CASCON Keynote: 20th Anniversary, Big Data and a Smarter Planet

With the morning workshop (and lunch) behind us, the first part of the afternoon is the opening keynote, starting with Judy Huber, who oversees the 5,000 people at the IBM Canada software labs, which includes the Centre for Advanced Studies (CAS) technology incubation lab that spawned this conference. This is the 20th year of CASCON, and some of the attendees have been here since the beginning, but there are a lot of younger faces who were barely born when CASCON started.

To recognize the achievements over the years, Joanna Ng, head of research at CAS, presented awards for the high-impact papers from the first decade of CASCON, one each for 1991 to 2000 inclusive. Many of the authors of those papers were present to receive the award. Ng also presented an award to Hausi Müller from University of Victoria for driving this review and selection process. The theme of this year’s conference is smarter technology for a smarter planet – I’ve seen that theme at all three IBM conferences that I’ve attended this year – and Ng challenged the audience to step up to making the smarter planet vision into reality. Echoing the words of Brenda Dietrich that I heard last week, she stated that it’s a great time to be in this type of research because of the exciting things that are happening, and the benefits that are accruing.

Following the awards, Rod Smith, VP of IBM emerging internet technologies and an IBM fellow, gave the keynote address. His research group, although it hasn’t been around as long as CAS, has a 15-year history of looking at emerging technology, with a current focus on “big data” analytics, mobile, and browser application environments. Since they’re not a product group, they’re able to take their ideas out to customers 12-18 months in advance of marketplace adoption to test the waters and fine-tune the products that will result from this.

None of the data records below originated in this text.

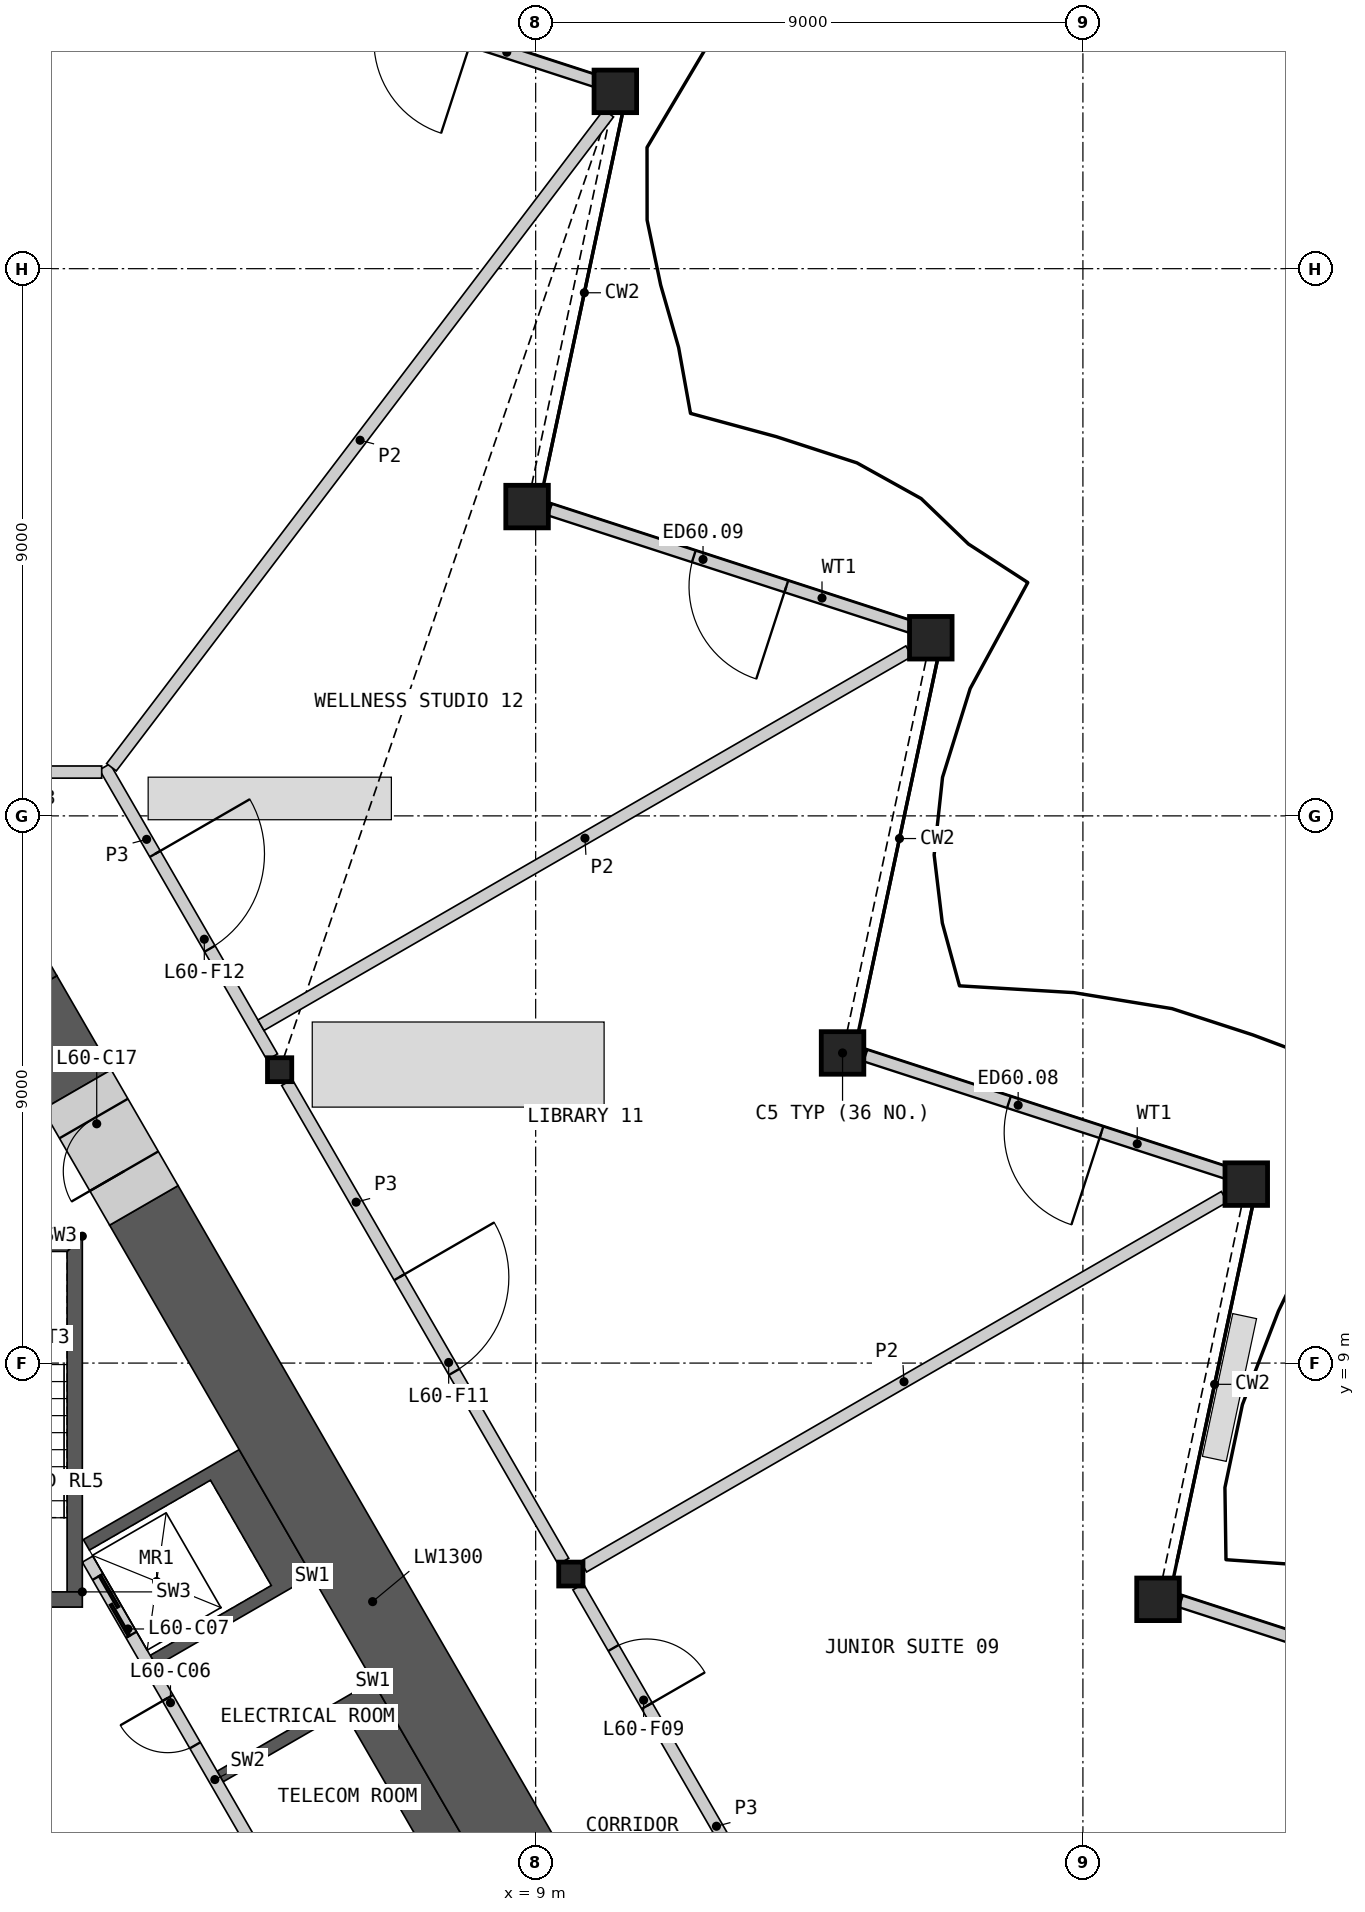
"""IFC4 building model, lengths in metres.
Left out: names, types, materials, properties, quantities, classifications, styles, units other than length and angle.
Written with IfcOpenShell. Run it as: python <this file> out.ifc"""

import sys

from ifc_helpers import new_model, si_unit, direction, frame, frame_2d, origin, origin_2d, place, context, subcontext, project, spatial, polyline, rectangle, hollow_rectangle, i_section, outline, extrude, element, fill, save


model = new_model("IFC4")
c1 = context("Model", 3, precision=1e-05, world=origin(), true_north=direction((0.0, 1.0)))
c2 = subcontext(c1, "Body", "Model", "MODEL_VIEW")
j1 = project(units=[si_unit("LENGTHUNIT", "METRE"), si_unit("PLANEANGLEUNIT", "RADIAN")], contexts=[c1])
p1 = place(None, origin())
s1 = spatial("IfcSite", under=j1, at=p1, CompositionType="ELEMENT")
p2 = place(p1, origin())
s2 = spatial("IfcBuilding", under=s1, at=p2, CompositionType="ELEMENT")
p3 = place(p2, frame((0.0, 0.0, 267.0)))
s3 = spatial("IfcBuildingStorey", under=s2, at=p3, CompositionType="ELEMENT", Elevation=267.0)
for number, where, z_axis, x_axis in (
    (1, (19.235, 5.115, 0.0), (0.0, 0.0, 1.0), (1.0, 0.0, 0.0)),
    (2, (20.687, 11.943, 0.0), (0.0, 0.0, 1.0), (1.0, 0.0, 0.0)),
    (3, (14.047, 14.101, 0.0), (0.0, 0.0, 1.0), (1.0, 0.0, 0.0)),
    (4, (15.499, 20.93, 0.0), (0.0, 0.0, 1.0), (1.0, 0.0, 0.0)),
    (5, (8.859, 23.087, 0.0), (0.0, 0.0, 1.0), (1.0, 0.0, 0.0)),
    (6, (10.31, 29.916, 0.0), (0.0, 0.0, 1.0), (1.0, 0.0, 0.0)),
):
    element("IfcColumn", number, at=place(p3, frame(where, z_axis=z_axis, x_axis=x_axis)), inside=s3, PredefinedType="COLUMN", context=c2, shape_type="SweptSolid", body=[
        extrude(hollow_rectangle(XDim=0.7, YDim=0.7, WallThickness=0.045, at=origin_2d()), origin(), (0.0, 0.0, 1.0), 3.6),
    ])
for number, where, z_axis, x_axis in (
    (7, (9.578, 5.53, 0.0), (0.0, 0.0, 1.0), (1.0, 0.0, 0.0)),
    (8, (4.789, 13.825, 0.0), (0.0, 0.0, 1.0), (1.0, 0.0, 0.0)),
):
    element("IfcColumn", number, at=place(p3, frame(where, z_axis=z_axis, x_axis=x_axis)), inside=s3, PredefinedType="COLUMN", context=c2, shape_type="SweptSolid", body=[
        extrude(i_section(OverallWidth=0.399, OverallDepth=0.393, WebThickness=0.023, FlangeThickness=0.037, at=origin_2d()), origin(), (0.0, 0.0, 1.0), 3.6),
    ])
p4 = place(p3, frame((25.566, 3.145, 0.0), z_axis=(0.0, 0.0, 1.0), x_axis=(-0.951057270474, 0.309014673241, 0.0)))
e9 = element("IfcWall", 9, at=p4, inside=s3, PredefinedType="SOLIDWALL", context=c2, shape_type="SweptSolid", body=[
    extrude(rectangle(XDim=6.263, YDim=0.2, at=frame_2d((3.131, 0.0))), origin(), (0.0, 0.0, 1.0), 2.701),
])
p5 = place(p4, frame((2.186, 0.0, 0.0)))
e10 = element("IfcOpeningElement", 10, at=p5, cuts=e9, PredefinedType="OPENING", context=c2, shape_type="SweptSolid", body=[
    extrude(rectangle(XDim=1.6, YDim=2.4, at=frame_2d((0.8, 1.2))), frame((0.0, 0.11, 0.0), z_axis=(0.0, -1.0, 0.0), x_axis=(1.0, 0.0, 0.0)), (0.0, 0.0, 1.0), 0.22),
])
p6 = place(p3, frame((20.384, 12.121, 0.0), z_axis=(0.0, 0.0, 1.0), x_axis=(-0.951051239427, 0.309033234433, 0.0)))
e11 = element("IfcWall", 11, at=p6, inside=s3, PredefinedType="SOLIDWALL", context=c2, shape_type="SweptSolid", body=[
    extrude(rectangle(XDim=6.269, YDim=0.2, at=frame_2d((3.134, 0.0))), origin(), (0.0, 0.0, 1.0), 2.701),
])
p7 = place(p6, frame((2.186, 0.0, 0.0)))
e12 = element("IfcOpeningElement", 12, at=p7, cuts=e11, PredefinedType="OPENING", context=c2, shape_type="SweptSolid", body=[
    extrude(rectangle(XDim=1.6, YDim=2.4, at=frame_2d((0.8, 1.2))), frame((0.0, 0.11, 0.0), z_axis=(0.0, -1.0, 0.0), x_axis=(1.0, 0.0, 0.0)), (0.0, 0.0, 1.0), 0.22),
])
p8 = place(p3, frame((15.201, 21.098, 0.0), z_axis=(0.0, 0.0, 1.0), x_axis=(-0.95105665506, 0.309016567299, 0.0)))
e13 = element("IfcWall", 13, at=p8, inside=s3, PredefinedType="SOLIDWALL", context=c2, shape_type="SweptSolid", body=[
    extrude(rectangle(XDim=6.275, YDim=0.2, at=frame_2d((3.137, 0.0))), origin(), (0.0, 0.0, 1.0), 2.701),
])
p9 = place(p8, frame((2.186, 0.0, 0.0)))
e14 = element("IfcOpeningElement", 14, at=p9, cuts=e13, PredefinedType="OPENING", context=c2, shape_type="SweptSolid", body=[
    extrude(rectangle(XDim=1.6, YDim=2.4, at=frame_2d((0.8, 1.2))), frame((0.0, 0.11, 0.0), z_axis=(0.0, -1.0, 0.0), x_axis=(1.0, 0.0, 0.0)), (0.0, 0.0, 1.0), 0.22),
])
p10 = place(p3, frame((10.018, 30.074, 0.0), z_axis=(0.0, 0.0, 1.0), x_axis=(-0.951062060282, 0.308999931218, 0.0)))
e15 = element("IfcWall", 15, at=p10, inside=s3, PredefinedType="SOLIDWALL", context=c2, shape_type="SweptSolid", body=[
    extrude(rectangle(XDim=6.281, YDim=0.2, at=frame_2d((3.14, 0.0))), origin(), (0.0, 0.0, 1.0), 2.701),
])
p11 = place(p10, frame((2.186, 0.0, 0.0)))
e16 = element("IfcOpeningElement", 16, at=p11, cuts=e15, PredefinedType="OPENING", context=c2, shape_type="SweptSolid", body=[
    extrude(rectangle(XDim=1.6, YDim=2.4, at=frame_2d((0.8, 1.2))), frame((0.0, 0.11, 0.0), z_axis=(0.0, -1.0, 0.0), x_axis=(1.0, 0.0, 0.0)), (0.0, 0.0, 1.0), 0.22),
])
p12 = place(p3, origin())
e17 = element("IfcWall", 17, at=p12, inside=s3, PredefinedType="SHEAR", context=c2, shape_type="SweptSolid", body=[
    extrude(outline(polyline([(6.324, 3.767), (8.624, -0.217), (8.231, -0.444), (6.061, -1.697), (5.96, -1.524), (7.952, -0.374), (5.852, 3.263), (3.861, 2.113), (3.76, 2.287), (5.931, 3.54), (6.324, 3.767)])), origin(), (0.0, 0.0, 1.0), 3.25),
])
p13 = place(p3, origin())
e18 = element("IfcWall", 18, at=p13, inside=s3, PredefinedType="SHEAR", context=c2, shape_type="SweptSolid", body=[
    extrude(outline(polyline([(5.324, 5.499), (4.931, 5.272), (2.76, 4.019), (2.66, 4.192), (4.652, 5.342), (3.652, 7.074), (1.66, 5.924), (1.561, 6.097), (3.731, 7.35), (4.124, 7.577), (5.324, 5.499)])), origin(), (0.0, 0.0, 1.0), 3.25),
])
p14 = place(p3, frame((5.817, -1.476, 0.0), z_axis=(0.0, 0.0, 1.0), x_axis=(-0.500002616675, 0.866023893041, 0.0)))
e19 = element("IfcWall", 19, at=p14, inside=s3, PredefinedType="SOLIDWALL", context=c2, shape_type="SweptSolid", body=[
    extrude(rectangle(XDim=8.373, YDim=0.2, at=frame_2d((4.187, 0.0))), origin(), (0.0, 0.0, 1.0), 3.25),
])
p15 = place(p14, frame((1.537, 0.0, 0.0)))
e20 = element("IfcOpeningElement", 20, at=p15, cuts=e19, PredefinedType="OPENING", context=c2, shape_type="SweptSolid", body=[
    extrude(rectangle(XDim=0.9, YDim=2.1, at=frame_2d((0.45, 1.05))), frame((0.0, 0.11, 0.0), z_axis=(0.0, -1.0, 0.0), x_axis=(1.0, 0.0, 0.0)), (0.0, 0.0, 1.0), 0.22),
])
p16 = place(p14, frame((4.837, 0.0, 0.0)))
e21 = element("IfcOpeningElement", 21, at=p16, cuts=e19, PredefinedType="OPENING", context=c2, shape_type="SweptSolid", body=[
    extrude(rectangle(XDim=0.9, YDim=2.1, at=frame_2d((0.45, 1.05))), frame((0.0, 0.11, 0.0), z_axis=(0.0, -1.0, 0.0), x_axis=(1.0, 0.0, 0.0)), (0.0, 0.0, 1.0), 0.22),
])
p17 = place(p14, frame((6.937, 0.0, 0.0)))
e22 = element("IfcOpeningElement", 22, at=p17, cuts=e19, PredefinedType="OPENING", context=c2, shape_type="SweptSolid", body=[
    extrude(rectangle(XDim=1.1, YDim=2.1, at=frame_2d((0.55, 1.05))), frame((0.0, 0.11, 0.0), z_axis=(0.0, -1.0, 0.0), x_axis=(1.0, 0.0, 0.0)), (0.0, 0.0, 1.0), 0.22),
])
p18 = place(p3, origin())
e23 = element("IfcWall", 23, at=p18, inside=s3, PredefinedType="SHEAR", context=c2, shape_type="SweptSolid", body=[
    extrude(outline(polyline([(1.544, 5.237), (1.544, 11.087), (1.294, 10.837), (1.294, 5.237), (1.544, 5.237)])), origin(), (0.0, 0.0, 1.0), 3.25),
])
p19 = place(p3, origin())
e24 = element("IfcWall", 24, at=p19, inside=s3, PredefinedType="SHEAR", context=c2, shape_type="SweptSolid", body=[
    extrude(outline(polyline([(1.544, 11.087), (-1.544, 11.087), (-1.294, 10.837), (1.294, 10.837), (1.544, 11.087)])), origin(), (0.0, 0.0, 1.0), 3.25),
])
p20 = place(p3, frame((1.544, 5.112, 0.0), z_axis=(0.0, 0.0, 1.0), x_axis=(-1.0, 0.0, 0.0)))
e25 = element("IfcWall", 25, at=p20, inside=s3, PredefinedType="SHEAR", context=c2, shape_type="SweptSolid", body=[
    extrude(rectangle(XDim=3.088, YDim=0.25, at=frame_2d((1.544, 0.0))), origin(), (0.0, 0.0, 1.0), 3.25),
])
p21 = place(p20, frame((0.994, 0.0, 0.0)))
e26 = element("IfcOpeningElement", 26, at=p21, cuts=e25, PredefinedType="OPENING", context=c2, shape_type="SweptSolid", body=[
    extrude(rectangle(XDim=1.1, YDim=2.1, at=frame_2d((0.55, 1.05))), frame((0.0, 0.135, 0.0), z_axis=(0.0, -1.0, 0.0), x_axis=(1.0, 0.0, 0.0)), (0.0, 0.0, 1.0), 0.27),
])
p22 = place(p3, frame((10.081, -1.441, 0.0), z_axis=(0.0, 0.0, 1.0), x_axis=(-0.500012180433, 0.866018371294, 0.0)))
e27 = element("IfcWall", 27, at=p22, inside=s3, PredefinedType="SHEAR", context=c2, shape_type="SweptSolid", body=[
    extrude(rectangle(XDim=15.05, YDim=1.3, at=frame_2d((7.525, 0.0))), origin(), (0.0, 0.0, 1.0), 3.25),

They see big data analytics as a new class of application on the horizon, since they’re hearing customers ask for the ability to search, filter, remix and analyze vast quantities of data from disparate sources: something that the customers thought of as Google’s domain. Part of IBM’s BigInsights project (which I heard about a bit last week at IOD)  is BigSheets, an insight engine for enabling ad hoc discovery for business users, on a web scale. It’s like a spreadsheet view on the web, which is a metaphor easily understood by most business users. They’re using the Hadoop open source project to power all of the BigInsights projects.

It wouldn’t be a technical conference in 2010 if someone didn’t mention Twitter, and this is no exception: Smith discussed using BigSheets to analyze and visualize Twitter streams related to specific products or companies. They also used IBM Content Analytics to create the analysis model, particularly to find tweets related to mobile phones with a “buy signal” in the message. They’ve also done work on a UK web archive for the British Library, automating the web page classification and making 128 TB of data available to researchers. In fact, any organization that has a lot of data, mostly unstructured, and wants to open it up for research and analysis is a target for these sort of big data solutions. It stands to reason that the more often you can generate business insights from the massive quantity of data constantly being generated, the greater the business value.

Next up was Christian Couturier, co-chair of the conference and Director General of the Institute of Information Technology at the Canada’s National Research Council. NRC provides some of the funding to IBM Canada CAS Research, driven by the government’s digital economy strategy which includes not just improving business productivity but creating high-paying jobs within Canada. He mentioned that Canadian businesses lag behind other countries in adoption of certain technologies, and I’m biting my tongue so that I don’t repeat my questions of two years ago at IT360 where I challenged the Director General of Industry Canada on what they were doing about the excessively high price of broadband and complete lack of net neutrality in Canada.

The program co-chairs presented the award for best paper at this show, on Testing Sequence Diagram to Colored Petri Nets Transformation, and the best student paper, on Integrating MapReduce and RDBMSs; I’ll check these out in the proceedings as well as a number of other interesting looking papers, even if I don’t get to the presentations.

Oh yeah, and in addition to being a great, free conference, there’s birthday cake to celebrate 20 years!